Calibration concepts apply differently to generative models because there is no single label to compare to. For a discriminative generative model used as a classifier, such as an energy-based model or a normalizing flow followed by a softmax head, the standard binary or multiclass calibration definitions apply. For unconditional generative models such as diffusion models, the relevant property is whether the model's likelihood function (where it has one) corresponds to the data distribution; this is closer to a goodness-of-fit question than to calibration in the classifier sense. Diffusion models do not produce calibrated probabilities for sampled images, since each sample is just one trajectory through the reverse process. Density-based generative models such as flows do, but the relationship between log-likelihood and perceptual quality is famously loose.
| Library | Language | Coverage |
|---|---|---|
scikit-learn sklearn.calibration | Python | CalibratedClassifierCV (Platt and isotonic), calibration_curve, CalibrationDisplay |
| netcal | Python (PyTorch / TensorFlow) | Binning, scaling, and regularization methods; classification and regression calibration |
| Uncertainty Toolbox (Chung et al. 2021) | Python | Regression-focused uncertainty metrics, visualizations, and recalibration |
| pycalib (Wenger et al.) | Python | Non-parametric GP calibration and other multiclass methods |
| MAPIE | Python | Conformal prediction for classification, regression, and time series |
TorchMetrics CalibrationError | Python (PyTorch) | ECE, MCE, and class-wise variants |
The scikit-learn CalibratedClassifierCV is the most widely used entry point in classical machine learning: it cross-validates a base estimator, fits Platt or isotonic calibration on the held-out folds, and averages the resulting probabilities. The companion calibration_curve and CalibrationDisplay produce reliability diagrams.
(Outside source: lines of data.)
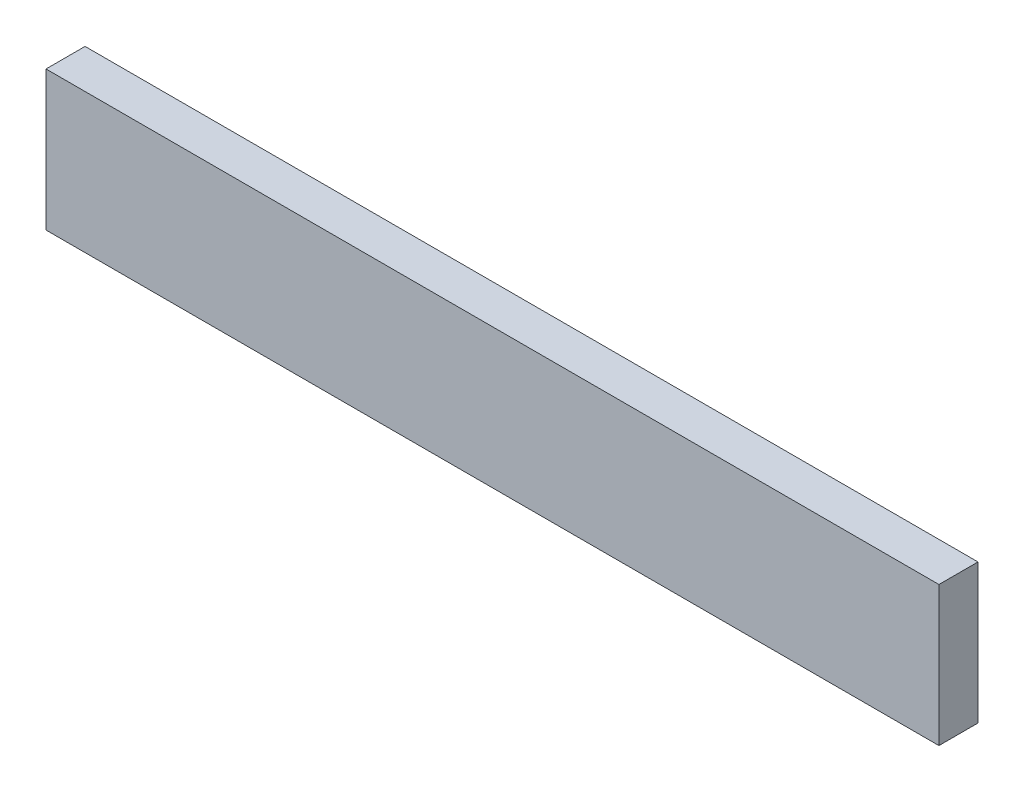
from build123d import *

# Parameters (mm, degrees)
SKETCH_1_W      = 160
SKETCH_1_H      = 25
EXTRUDE_1_DEPTH = 7


with BuildPart() as part:
    # 草图1 → 凸台-拉伸1 (new body)
    with BuildSketch(Plane.XY):
        Rectangle(SKETCH_1_W, SKETCH_1_H)
    extrude(amount=EXTRUDE_1_DEPTH)


solid = part.part

Proper scoring rules are loss functions that are minimized in expectation by reporting the true conditional probability. The Brier score and the negative log-likelihood are the two most common; both are strictly proper. DeGroot and Fienberg 1983 showed that any proper scoring rule decomposes into a calibration component and a refinement (resolution) component, plus an irreducible uncertainty term. Optimizing a proper scoring rule therefore rewards both calibration and refinement at once. This is why log-loss and Brier score, rather than accuracy or AUC, are the right defaults for evaluating probabilistic predictors. Accuracy ignores miscalibration entirely; AUC ignores calibration up to monotone transforms.
In model selection it is now standard to track at least one proper scoring rule alongside accuracy and AUC. For multiclass problems classwise ECE (or its smoother spline-based counterparts) is reported alongside log-loss. For regression, mean continuous ranked probability score (CRPS) and prediction-interval coverage are reported alongside RMSE.
The last few years have seen calibration broaden out from a post-hoc fixup into a first-class evaluation criterion across the field.